Your code looks approximately like this:
double x0; // previous position, meters
double x; // current position
double v0; // previous velocity, meters/second
double v; // current velocity
long t0; // previous time, nanoseconds
long t; // current time
public void onStart() {
x0 = getInitialPosition();
x = x0;
v0 = 0;
v = v;
t0 = System.getCurrentTime() * 1000000;
// Enable sensors; left as an exercise for the reader
}
public void onSensorChanged(SensorEvent event) {
// Assume linear acceleration is the only active sensor
double accel = event.values[0]; // X axis is our axis of acceleration
t = event.timestamp;
double dt = (t - t0) * .000001;
v = v0 + accel * dt;
x = x0 + v * dt;
t0 = t;
v0 = v;
x0 = x;
}
This is by no means a complete solution. Doing this right involves differential equations which I'm not equipped to explain here (translation: I've forgotten everything I learned in college). However, if your acceleration value is accurate enough, and your time slice is short enough, this is viable.

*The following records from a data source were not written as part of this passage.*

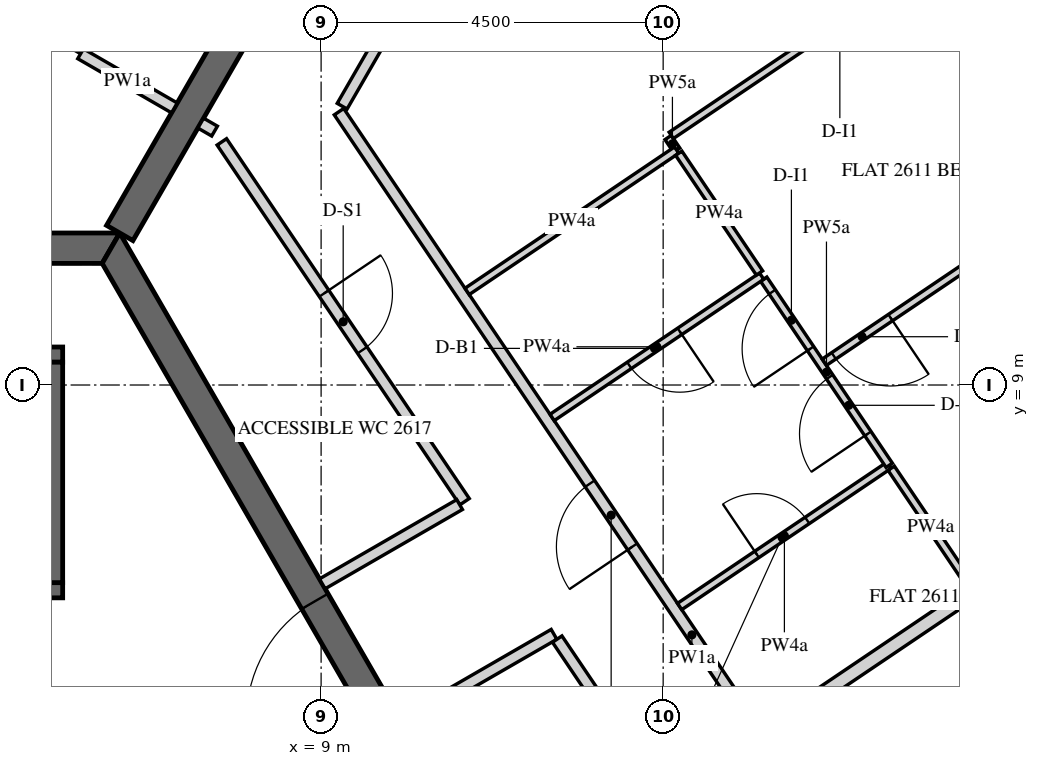
"""IFC4 building model, lengths in metres.
Left out: names, types, materials, properties, quantities, classifications, styles, units other than length and angle.
Written with IfcOpenShell. Run it as: python <this file> out.ifc"""

import sys

from ifc_helpers import new_model, si_unit, direction, frame, frame_2d, origin, place, context, subcontext, project, spatial, polyline, rectangle, outline, extrude, element, fill, save


model = new_model("IFC4")
c1 = context("Model", 3, precision=1e-05, world=origin(), true_north=direction((0.0, 1.0)))
c2 = subcontext(c1, "Body", "Model", "MODEL_VIEW")
j1 = project(units=[si_unit("LENGTHUNIT", "METRE"), si_unit("PLANEANGLEUNIT", "RADIAN")], contexts=[c1])
p1 = place(None, origin())
s1 = spatial("IfcSite", under=j1, at=p1, CompositionType="ELEMENT")
p2 = place(p1, origin())
s2 = spatial("IfcBuilding", under=s1, at=p2, CompositionType="ELEMENT")
p3 = place(p2, frame((0.0, 0.0, 334.2)))
s3 = spatial("IfcBuildingStorey", under=s2, at=p3, CompositionType="ELEMENT", Elevation=334.2)
p4 = place(p3, frame((26.706, 2.879, -0.15), z_axis=(0.0, 0.0, 1.0), x_axis=(-0.559197891507, 0.829034208061, 0.0)))
e1 = element("IfcWall", 1, at=p4, inside=s3, PredefinedType="SOLIDWALL", context=c2, shape_type="SweptSolid", body=[
    extrude(outline(polyline([(0.25, -0.25), (22.795, -0.25), (23.295, 0.25), (-0.25, 0.25), (0.25, -0.25)])), origin(), (0.0, 0.0, 1.0), 3.75),
])
p5 = place(p4, frame((1.323, 0.0, 1.05)))
e2 = element("IfcOpeningElement", 2, at=p5, cuts=e1, PredefinedType="OPENING", context=c2, shape_type="SweptSolid", body=[
    extrude(rectangle(XDim=0.9, YDim=1.5, at=frame_2d((0.45, 0.75))), frame((0.0, 0.26, 0.0), z_axis=(0.0, -1.0, 0.0), x_axis=(1.0, 0.0, 0.0)), (0.0, 0.0, 1.0), 0.52),
])
p6 = place(p4, frame((2.522, 0.0, 0.15)))
e3 = element("IfcOpeningElement", 3, at=p6, cuts=e1, PredefinedType="OPENING", context=c2, shape_type="SweptSolid", body=[
    extrude(rectangle(XDim=1.2, YDim=2.4, at=frame_2d((0.6, 1.2))), frame((0.0, 0.26, 0.0), z_axis=(0.0, -1.0, 0.0), x_axis=(1.0, 0.0, 0.0)), (0.0, 0.0, 1.0), 0.52),
])
p7 = place(p4, frame((4.922, 0.0, 1.05)))
e4 = element("IfcOpeningElement", 4, at=p7, cuts=e1, PredefinedType="OPENING", context=c2, shape_type="SweptSolid", body=[
    extrude(rectangle(XDim=0.9, YDim=1.5, at=frame_2d((0.45, 0.75))), frame((0.0, 0.26, 0.0), z_axis=(0.0, -1.0, 0.0), x_axis=(1.0, 0.0, 0.0)), (0.0, 0.0, 1.0), 0.52),
])
p8 = place(p4, frame((6.122, 0.0, 0.15)))
e5 = element("IfcOpeningElement", 5, at=p8, cuts=e1, PredefinedType="OPENING", context=c2, shape_type="SweptSolid", body=[
    extrude(rectangle(XDim=1.2, YDim=2.4, at=frame_2d((0.6, 1.2))), frame((0.0, 0.26, 0.0), z_axis=(0.0, -1.0, 0.0), x_axis=(1.0, 0.0, 0.0)), (0.0, 0.0, 1.0), 0.52),
])
p9 = place(p4, frame((8.522, 0.0, 1.05)))
e6 = element("IfcOpeningElement", 6, at=p9, cuts=e1, PredefinedType="OPENING", context=c2, shape_type="SweptSolid", body=[
    extrude(rectangle(XDim=0.9, YDim=1.5, at=frame_2d((0.45, 0.75))), frame((0.0, 0.26, 0.0), z_axis=(0.0, -1.0, 0.0), x_axis=(1.0, 0.0, 0.0)), (0.0, 0.0, 1.0), 0.52),
])
p10 = place(p4, frame((9.722, 0.0, 0.15)))
e7 = element("IfcOpeningElement", 7, at=p10, cuts=e1, PredefinedType="OPENING", context=c2, shape_type="SweptSolid", body=[
    extrude(rectangle(XDim=1.2, YDim=2.4, at=frame_2d((0.6, 1.2))), frame((0.0, 0.26, 0.0), z_axis=(0.0, -1.0, 0.0), x_axis=(1.0, 0.0, 0.0)), (0.0, 0.0, 1.0), 0.52),
])
p11 = place(p4, frame((12.122, 0.0, 1.05)))
e8 = element("IfcOpeningElement", 8, at=p11, cuts=e1, PredefinedType="OPENING", context=c2, shape_type="SweptSolid", body=[
    extrude(rectangle(XDim=0.9, YDim=1.5, at=frame_2d((0.45, 0.75))), frame((0.0, 0.26, 0.0), z_axis=(0.0, -1.0, 0.0), x_axis=(1.0, 0.0, 0.0)), (0.0, 0.0, 1.0), 0.52),
])
p12 = place(p4, frame((13.323, 0.0, 0.15)))
e9 = element("IfcOpeningElement", 9, at=p12, cuts=e1, PredefinedType="OPENING", context=c2, shape_type="SweptSolid", body=[
    extrude(rectangle(XDim=1.2, YDim=2.4, at=frame_2d((0.6, 1.2))), frame((0.0, 0.26, 0.0), z_axis=(0.0, -1.0, 0.0), x_axis=(1.0, 0.0, 0.0)), (0.0, 0.0, 1.0), 0.52),
])
p13 = place(p4, frame((15.722, 0.0, 1.05)))
e10 = element("IfcOpeningElement", 10, at=p13, cuts=e1, PredefinedType="OPENING", context=c2, shape_type="SweptSolid", body=[
    extrude(rectangle(XDim=0.9, YDim=1.5, at=frame_2d((0.45, 0.75))), frame((0.0, 0.26, 0.0), z_axis=(0.0, -1.0, 0.0), x_axis=(1.0, 0.0, 0.0)), (0.0, 0.0, 1.0), 0.52),
])
p14 = place(p4, frame((16.922, 0.0, 0.15)))
e11 = element("IfcOpeningElement", 11, at=p14, cuts=e1, PredefinedType="OPENING", context=c2, shape_type="SweptSolid", body=[
    extrude(rectangle(XDim=1.2, YDim=2.4, at=frame_2d((0.6, 1.2))), frame((0.0, 0.26, 0.0), z_axis=(0.0, -1.0, 0.0), x_axis=(1.0, 0.0, 0.0)), (0.0, 0.0, 1.0), 0.52),
])
p15 = place(p4, frame((19.323, 0.0, 1.05)))
e12 = element("IfcOpeningElement", 12, at=p15, cuts=e1, PredefinedType="OPENING", context=c2, shape_type="SweptSolid", body=[
    extrude(rectangle(XDim=0.9, YDim=1.5, at=frame_2d((0.45, 0.75))), frame((0.0, 0.26, 0.0), z_axis=(0.0, -1.0, 0.0), x_axis=(1.0, 0.0, 0.0)), (0.0, 0.0, 1.0), 0.52),
])
p16 = place(p4, frame((20.522, 0.0, 0.15)))
e13 = element("IfcOpeningElement", 13, at=p16, cuts=e1, PredefinedType="OPENING", context=c2, shape_type="SweptSolid", body=[
    extrude(rectangle(XDim=1.2, YDim=2.4, at=frame_2d((0.6, 1.2))), frame((0.0, 0.26, 0.0), z_axis=(0.0, -1.0, 0.0), x_axis=(1.0, 0.0, 0.0)), (0.0, 0.0, 1.0), 0.52),
])
p17 = place(p3, frame((12.471, 0.0, -0.15), z_axis=(0.0, 0.0, 1.0), x_axis=(-0.499996419489, 0.866027470984, 0.0)))
e14 = element("IfcWall", 14, at=p17, inside=s3, PredefinedType="SHEAR", context=c2, shape_type="SweptSolid", body=[
    extrude(outline(polyline([(-0.115, -0.2), (12.586, -0.2), (12.355, 0.2), (0.115, 0.2), (-0.115, -0.2)])), origin(), (0.0, 0.0, 1.0), 3.75),
])
p18 = place(p17, frame((5.306, 0.0, 0.15)))
e15 = element("IfcOpeningElement", 15, at=p18, cuts=e14, PredefinedType="OPENING", context=c2, shape_type="SweptSolid", body=[
    extrude(rectangle(XDim=1.8, YDim=2.4, at=frame_2d((0.9, 1.2))), frame((0.0, 0.21, 0.0), z_axis=(0.0, -1.0, 0.0), x_axis=(1.0, 0.0, 0.0)), (0.0, 0.0, 1.0), 0.42),
])
p19 = place(p3, frame((6.235, 10.8, -0.15), z_axis=(0.0, 0.0, 1.0), x_axis=(-1.0, 0.0, 0.0)))
e16 = element("IfcWall", 16, at=p19, inside=s3, PredefinedType="SHEAR", context=c2, shape_type="SweptSolid", body=[
    extrude(outline(polyline([(-0.115, -0.2), (12.586, -0.2), (12.355, 0.2), (0.115, 0.2), (-0.115, -0.2)])), origin(), (0.0, 0.0, 1.0), 3.75),
])
p20 = place(p3, frame((6.351, 11.0, -0.15), z_axis=(0.0, 0.0, 1.0), x_axis=(0.499998894578, 0.866026041999, 0.0)))
e17 = element("IfcWall", 17, at=p20, inside=s3, PredefinedType="SHEAR", context=c2, shape_type="SweptSolid", body=[
    extrude(rectangle(XDim=15.544, YDim=0.4, at=frame_2d((7.772, 0.0))), origin(), (0.0, 0.0, 1.0), 3.75),
])
p21 = place(p20, frame((6.872, 0.0, 0.15)))
e18 = element("IfcOpeningElement", 18, at=p21, cuts=e17, PredefinedType="OPENING", context=c2, shape_type="SweptSolid", body=[
    extrude(rectangle(XDim=1.8, YDim=2.4, at=frame_2d((0.9, 1.2))), frame((0.0, 0.21, 0.0), z_axis=(0.0, -1.0, 0.0), x_axis=(1.0, 0.0, 0.0)), (0.0, 0.0, 1.0), 0.42),
])
p22 = place(p3, frame((-5.6, 6.3, -0.25), z_axis=(0.0, 0.0, 1.0), x_axis=(1.0, 0.0, 0.0)))
e19 = element("IfcWall", 19, at=p22, inside=s3, PredefinedType="SHEAR", context=c2, shape_type="SweptSolid", body=[
    extrude(rectangle(XDim=11.2, YDim=0.2, at=frame_2d((5.6, 0.0))), origin(), (0.0, 0.0, 1.0), 3.9),
])
p23 = place(p22, frame((8.45, 0.0, 0.25)))
e20 = element("IfcOpeningElement", 20, at=p23, cuts=e19, PredefinedType="OPENING", context=c2, shape_type="SweptSolid", body=[
    extrude(rectangle(XDim=0.9, YDim=2.1, at=frame_2d((0.45, 1.05))), frame((0.0, 0.11, 0.0), z_axis=(0.0, -1.0, 0.0), x_axis=(1.0, 0.0, 0.0)), (0.0, 0.0, 1.0), 0.22),
])
p24 = place(p22, frame((0.65, 0.0, 0.25)))
e21 = element("IfcOpeningElement", 21, at=p24, cuts=e19, PredefinedType="OPENING", context=c2, shape_type="SweptSolid", body=[
    extrude(rectangle(XDim=1.1, YDim=2.1, at=frame_2d((0.55, 1.05))), frame((0.0, 0.11, 0.0), z_axis=(0.0, -1.0, 0.0), x_axis=(1.0, 0.0, 0.0)), (0.0, 0.0, 1.0), 0.22),
])
p25 = place(p22, frame((2.85, 0.0, 0.25)))
e22 = element("IfcOpeningElement", 22, at=p25, cuts=e19, PredefinedType="OPENING", context=c2, shape_type="SweptSolid", body=[
    extrude(rectangle(XDim=1.1, YDim=2.1, at=frame_2d((0.55, 1.05))), frame((0.0, 0.11, 0.0), z_axis=(0.0, -1.0, 0.0), x_axis=(1.0, 0.0, 0.0)), (0.0, 0.0, 1.0), 0.22),
])
p26 = place(p22, frame((5.05, 0.0, 0.25)))
e23 = element("IfcOpeningElement", 23, at=p26, cuts=e19, PredefinedType="OPENING", context=c2, shape_type="SweptSolid", body=[
    extrude(rectangle(XDim=1.1, YDim=2.1, at=frame_2d((0.55, 1.05))), frame((0.0, 0.11, 0.0), z_axis=(0.0, -1.0, 0.0), x_axis=(1.0, 0.0, 0.0)), (0.0, 0.0, 1.0), 0.22),
])
p27 = place(p3, frame((-5.6, 9.4, -0.25), z_axis=(0.0, 0.0, 1.0), x_axis=(1.0, 0.0, 0.0)))
e24 = element("IfcWall", 24, at=p27, inside=s3, PredefinedType="SHEAR", context=c2, shape_type="SweptSolid", body=[
    extrude(rectangle(XDim=11.2, YDim=0.2, at=frame_2d((5.6, 0.0))), origin(), (0.0, 0.0, 1.0), 3.9),
])
p28 = place(p3, frame((5.5, 6.4, -0.25), z_axis=(0.0, 0.0, 1.0), x_axis=(0.0, 1.0, 0.0)))
e25 = element("IfcWall", 25, at=p28, inside=s3, PredefinedType="SHEAR", context=c2, shape_type="SweptSolid", body=[
    extrude(rectangle(XDim=2.9, YDim=0.2, at=frame_2d((1.45, 0.0))), origin(), (0.0, 0.0, 1.0), 3.9),
])
p29 = place(p3, frame((6.244, 14.215, 0.0), z_axis=(0.0, 0.0, 1.0), x_axis=(-0.499998034377, -0.866026538634, 0.0)))
e26 = element("IfcWall", 26, at=p29, inside=s3, PredefinedType="PARTITIONING", context=c2, shape_type="SweptSolid", body=[
    extrude(rectangle(XDim=0.946, YDim=0.15, at=frame_2d((0.473, 0.0))), origin(), (0.0, 0.0, 1.0), 2.838),
])
p30 = place(p3, frame((5.836, 13.358, 0.0), z_axis=(0.0, 0.0, 1.0), x_axis=(0.865988727248, -0.500063520245, 0.0)))
e27 = element("IfcWall", 27, at=p30, inside=s3, PredefinedType="PARTITIONING", context=c2, shape_type="SweptSolid", body=[
    extrude(rectangle(XDim=1.425, YDim=0.15, at=frame_2d((0.712, 0.0))), origin(), (0.0, 0.0, 1.0), 2.838),
])
p31 = place(p3, frame((18.521, -1.171, 0.0), z_axis=(0.0, 0.0, 1.0), x_axis=(-0.559191021435, 0.829038842001, 0.0)))
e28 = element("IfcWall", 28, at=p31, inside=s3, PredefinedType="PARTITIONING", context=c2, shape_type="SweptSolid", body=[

If you need to solve this in more than one direction, it's only slightly more complicated provided that the device never changes orientation. If it does, then you also need to capture the rotation sensor and learn about quaternions and rotation matrices.
And even if you do everything right, errors will still accumulate, so now you want some sort of correction factor based on GPS, known geometry of the environment (e.g. if you're indoors and the software has a map of the building, it can make corrections when you turn a corner), and other environmental clues such as WiFi hotspots in known locations.
You might want to read up on Kalman filters at this point.
Executive summary: this is a HARD problem in the general case, and if you solve it, there's probably fame and fortune waiting for you.
Well, the correct form, known from school, is
finalXPosition = (linearAcceleration*timePassed^2)/2+ initialVelocity*timePassed+initialXPosition
finalVelocity = initialVelocity*timePassed
chaining these chunks you'll get your theoretical values.
In practice, best results are achieved by regular calibration of initialXPosition and initialVelocity through GPS.
simple example to receive calibrated horizontal acceleration in onSensorChanged:
class Integrator {
private float position = 0f;
private float velocity = 0f;
public void setGpsPosition (float gpsPosition) {
position = gpsPosition;
}
public void setGpsVelocity (float gpsVelocity) {
velocity = gpsVelocity;
}
public void onAccelerationChangeHandler(float acceleration, float timePassed) {
position += acceleration*timePassed*timePassed/2f + velocity*timePassed;
velocity += acceleration*timePassed;
}
public float getCurrentPosition() {
return position;
}
}
usage for x-acceleration:
long lastTime = 0;
public void onSensorChanged(SensorEvent evt) {
if (evt.sensor.getType() == Sensor.TYPE_LINEAR_ACCELERATION) {
long newTime = System.currentTimeMillis();
OnAccelerationChangeHandler(evt.values[0], (newTime-lastTime)/1000);
lastTime = newTime;
}
Please, note that outside a minute scale the error makes this all meaningless w/o gps correction. Understand, that if you are walking at constant speed the sensor won't give you anything at all.